Rudy Aernoudt

“La suppression du système gantois ne demanderait que deux minutes de courage politique”

La suppression du “Gents systeem” et de la prime syndicale ne demanderait que deux minutes de courage politique et permettrait aux syndicats de retrouver leur rôle historique.

Deux expressions néerlandophones ont dépassé les frontières: apartheid, d’origine sud-africaine, et Gents systeem. Le Gents system (système gantois) est un principe fondamental dans le monde syndical. Dans les pays qui en sont dotés , ce n’est pas l’Etat mais les syndicats qui versent les allocations de chômage aux demandeurs d’emploi. Il en reste quatre dans le monde: le Danemark, la Finlande, la Suède et la Belgique. Le modèle tire son nom de la ville où il aurait été appliqué pour la première fois à la fin du 19e siècle. Comme notre pays dispose aussi d’une Caisse auxiliaire de paiement des allocations de chômage (Capac), le système belge est un quasi- Gents systeem.

La suppression du “Gents systeem” et de la prime syndicale ne demanderait que deux minutes de courage politique et permettrait aux syndicats de retrouver leur rôle historique.

On pourrait penser que les syndicats défendent ce système parce qu’il leur apporte des revenus supplémentaires. Un peu moins de 200 millions d’euros pour effectuer des paiements, cela ne se refuse pas. Mais ce n’est pas la raison principale. Non, le but est davantage de s’assurer que le taux de syndicalisation restera élevé. Les quatre pays européens qui appliquent le Gents systeem sont effectivement ceux où ce taux est le plus élevé parce que le syndicat y est perçu comme une manière pratique de percevoir ses aides au chômage. Les trois pays scandinaves précités affichent ainsi un taux supérieur à 60%, et 52% en Belgique, alors que la moyenne au sein l’Union européenne ne dépasse pas 28%. Les syndicats peuvent ainsi invoquer abusivement ce taux élevé pour démontrer leur représentativité. Poutant, les enquêtes révèlent que 45% des membres ne sont affiliés que pour pouvoir percevoir leurs allocations via leur syndicat en cas de chômage…

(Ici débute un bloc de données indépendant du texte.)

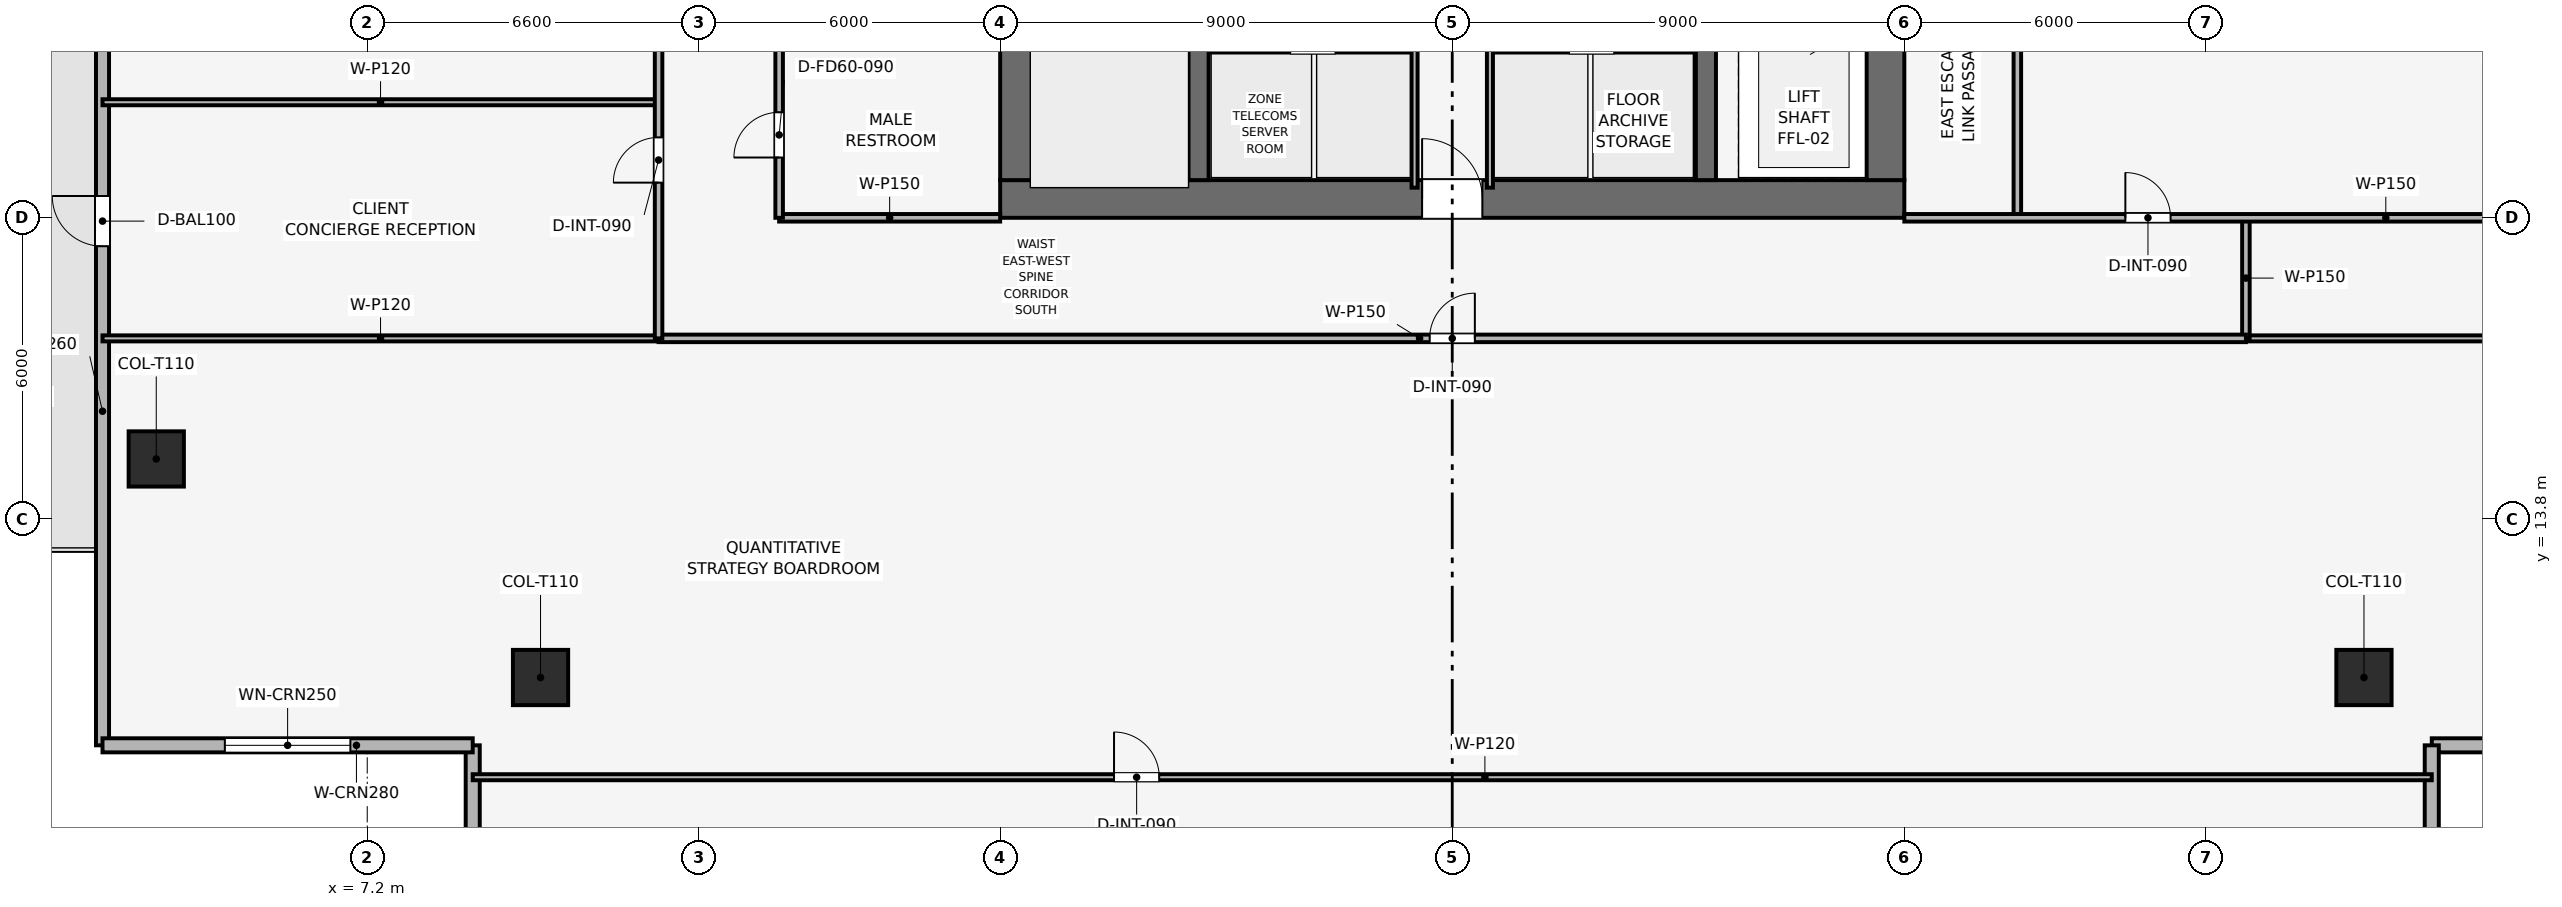
"""IFC4 building model, lengths in metres.
Left out: names, types, materials, properties, quantities, classifications, styles, units other than length and angle.
Written with IfcOpenShell. Run it as: python <this file> out.ifc"""

import sys

from ifc_helpers import new_model, si_unit, direction, frame, frame_2d, origin, origin_2d, place, context, subcontext, project, spatial, rectangle, extrude, element, fill, save


model = new_model("IFC4")
c1 = context("Model", 3, precision=1e-05, world=origin(), true_north=direction((0.0, 1.0)))
c2 = subcontext(c1, "Body", "Model", "MODEL_VIEW")
j1 = project(units=[si_unit("LENGTHUNIT", "METRE"), si_unit("PLANEANGLEUNIT", "RADIAN")], contexts=[c1])
p1 = place(None, origin())
s1 = spatial("IfcSite", under=j1, at=p1, CompositionType="ELEMENT")
p2 = place(p1, origin())
s2 = spatial("IfcBuilding", under=s1, at=p2, CompositionType="ELEMENT")
p3 = place(p2, frame((0.0, 0.0, 237.45)))
s3 = spatial("IfcBuildingStorey", under=s2, at=p3, CompositionType="ELEMENT", Elevation=237.45)
p4 = place(p3, frame((19.8, 20.175, 0.0), z_axis=(0.0, 0.0, 1.0), x_axis=(1.0, 0.0, 0.0)))
e1 = element("IfcWall", 1, at=p4, inside=s3, PredefinedType="SHEAR", context=c2, shape_type="SweptSolid", body=[
    extrude(rectangle(XDim=18.0, YDim=0.75, at=frame_2d((9.0, 0.0))), origin(), (0.0, 0.0, 1.0), 3.75),
])
p5 = place(p4, frame((8.4, 0.0, 0.0)))
e2 = element("IfcOpeningElement", 2, at=p5, cuts=e1, PredefinedType="OPENING", context=c2, shape_type="SweptSolid", body=[
    extrude(rectangle(XDim=1.2, YDim=2.2, at=frame_2d((0.6, 1.1))), frame((0.0, 0.385, 0.0), z_axis=(0.0, -1.0, 0.0), x_axis=(1.0, 0.0, 0.0)), (0.0, 0.0, 1.0), 0.77),
])
p6 = place(p3, frame((20.175, 20.55, 0.0), z_axis=(0.0, 0.0, 1.0), x_axis=(0.0, 1.0, 0.0)))
e3 = element("IfcWall", 3, at=p6, inside=s3, PredefinedType="SHEAR", context=c2, shape_type="SweptSolid", body=[
    extrude(rectangle(XDim=16.5, YDim=0.75, at=frame_2d((8.25, 0.0))), origin(), (0.0, 0.0, 1.0), 3.75),
])
p7 = place(p6, frame((10.25, 0.0, 0.0)))
e4 = element("IfcOpeningElement", 4, at=p7, cuts=e3, PredefinedType="OPENING", context=c2, shape_type="SweptSolid", body=[
    extrude(rectangle(XDim=1.1, YDim=2.15, at=frame_2d((0.55, 1.075))), frame((0.0, 0.385, 0.0), z_axis=(0.0, -1.0, 0.0), x_axis=(1.0, 0.0, 0.0)), (0.0, 0.0, 1.0), 0.77),
])
p8 = place(p3, frame((37.425, 20.55, 0.0), z_axis=(0.0, 0.0, 1.0), x_axis=(0.0, 1.0, 0.0)))
e5 = element("IfcWall", 5, at=p8, inside=s3, PredefinedType="SHEAR", context=c2, shape_type="SweptSolid", body=[
    extrude(rectangle(XDim=16.5, YDim=0.75, at=frame_2d((8.25, 0.0))), origin(), (0.0, 0.0, 1.0), 3.75),
])
p9 = place(p8, frame((4.75, 0.0, 0.0)))
e6 = element("IfcOpeningElement", 6, at=p9, cuts=e5, PredefinedType="OPENING", context=c2, shape_type="SweptSolid", body=[
    extrude(rectangle(XDim=1.1, YDim=2.15, at=frame_2d((0.55, 1.075))), frame((0.0, 0.385, 0.0), z_axis=(0.0, -1.0, 0.0), x_axis=(1.0, 0.0, 0.0)), (0.0, 0.0, 1.0), 0.77),
])
for number, where, z_axis, x_axis in (
    (7, (23.75, 20.55, 0.0), (0.0, 0.0, 1.0), (0.0, 1.0, 0.0)),
    (8, (33.85, 20.55, 0.0), (0.0, 0.0, 1.0), (0.0, 1.0, 0.0)),
):
    element("IfcWall", number, at=place(p3, frame(where, z_axis=z_axis, x_axis=x_axis)), inside=s3, PredefinedType="SHEAR", context=c2, shape_type="SweptSolid", body=[
        extrude(rectangle(XDim=16.5, YDim=0.4, at=frame_2d((8.25, 0.0))), origin(), (0.0, 0.0, 1.0), 3.75),
    ])
for number, where, z_axis, x_axis in (
    (9, (3.0, 15.0, 0.003), (0.0, 0.0, 1.0), (1.0, 0.0, 0.0)),
    (10, (10.65, 10.65, 0.003), (0.0, 0.0, 1.0), (1.0, 0.0, 0.0)),
    (11, (46.95, 10.65, 0.003), (0.0, 0.0, 1.0), (1.0, 0.0, 0.0)),
):
    element("IfcColumn", number, at=place(p3, frame(where, z_axis=z_axis, x_axis=x_axis)), inside=s3, PredefinedType="COLUMN", context=c2, shape_type="SweptSolid", body=[
        extrude(rectangle(XDim=1.1, YDim=1.1, at=origin_2d()), origin(), (0.0, 0.0, 1.0), 3.494),
    ])
p10 = place(p3, frame((1.93, 9.3, 0.0), z_axis=(0.0, 0.0, 1.0), x_axis=(0.0, 1.0, 0.0)))
e12 = element("IfcWall", 12, at=p10, inside=s3, PredefinedType="SOLIDWALL", context=c2, shape_type="SweptSolid", body=[
    extrude(rectangle(XDim=14.7, YDim=0.26, at=frame_2d((7.35, 0.0))), origin(), (0.0, 0.0, 1.0), 3.5),
])
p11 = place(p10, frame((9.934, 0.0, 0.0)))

Cette position de force factice mène à des décisions contraires à celles qui s’imposent. Ainsi, bien que l’on prêche un allongement des carrières, les syndicats belges demandent la prépension à 58 ans. Les employeurs se montrent assez souples, car c’est avant tout le contribuable qui payera la facture. D’ailleurs, le Gents systeem fait que presque tous les chômeurs sont membres d’un syndicat, ce qui détourne ce dernier de son coeur d’activité: représenter les travailleurs vis-à-vis des employeurs. Autre singularité belge: les membres des syndicats reçoivent une prime syndicale pour être affiliés. Celle-ci peut atteindre jusqu’à 12 euros par mois, alors que l’adhésion s’élève à environ 15 euros par mois – avec évidemment des tarifs réduits pour les chômeurs.

Le lecteur critique pourrait remarquer que ces dysfonctionnements devraient également se retrouver au Danemark, en Finlande ou en Suède. Mais là-bas, mentalité des syndicats et atmosphère de concertation sont totalement différentes. Les syndicats sont des partenaires dans le travail, et pas dans le non-travail. Avec l’accord des syndicats, tous ces pays ont décidé de réduire la durée de chômage dans le temps. La Belgique reste ainsi le seul pays au monde où elle est illimitée. Au Danemark, l’âge de la retraite est fixé à 69 ans, 68 ans en Finlande et 69 ans en Suède. Et aucun syndicat ne remet cette décision en question.

Nous comprenons les syndicats. De la même manière qu’il est difficile de demander aux politi- ques de limiter leurs avantages, on ne peut demander aux syndicats de prendre l’initiative de mettre un terme à un Gents systeem totalement perverti. Mais tant qu’il restera en vigueur, les syndicats invoqueront leurs nombreux membres sponsorisés par la prime syndicale pour abuser de leur pouvoir, quitte à ce que la Belgique manque le train économique post-covid. La classe moyenne surtaxée, colonne vertébrale de l’économie, restera impuissante. Pourtant, la suppression du Gents systeem et de la prime syndicale ne demanderait que deux minutes de courage politique et permettrait aux syndicats de retrouver leur rôle historique, à savoir celui de partenaires dans le droit au travail.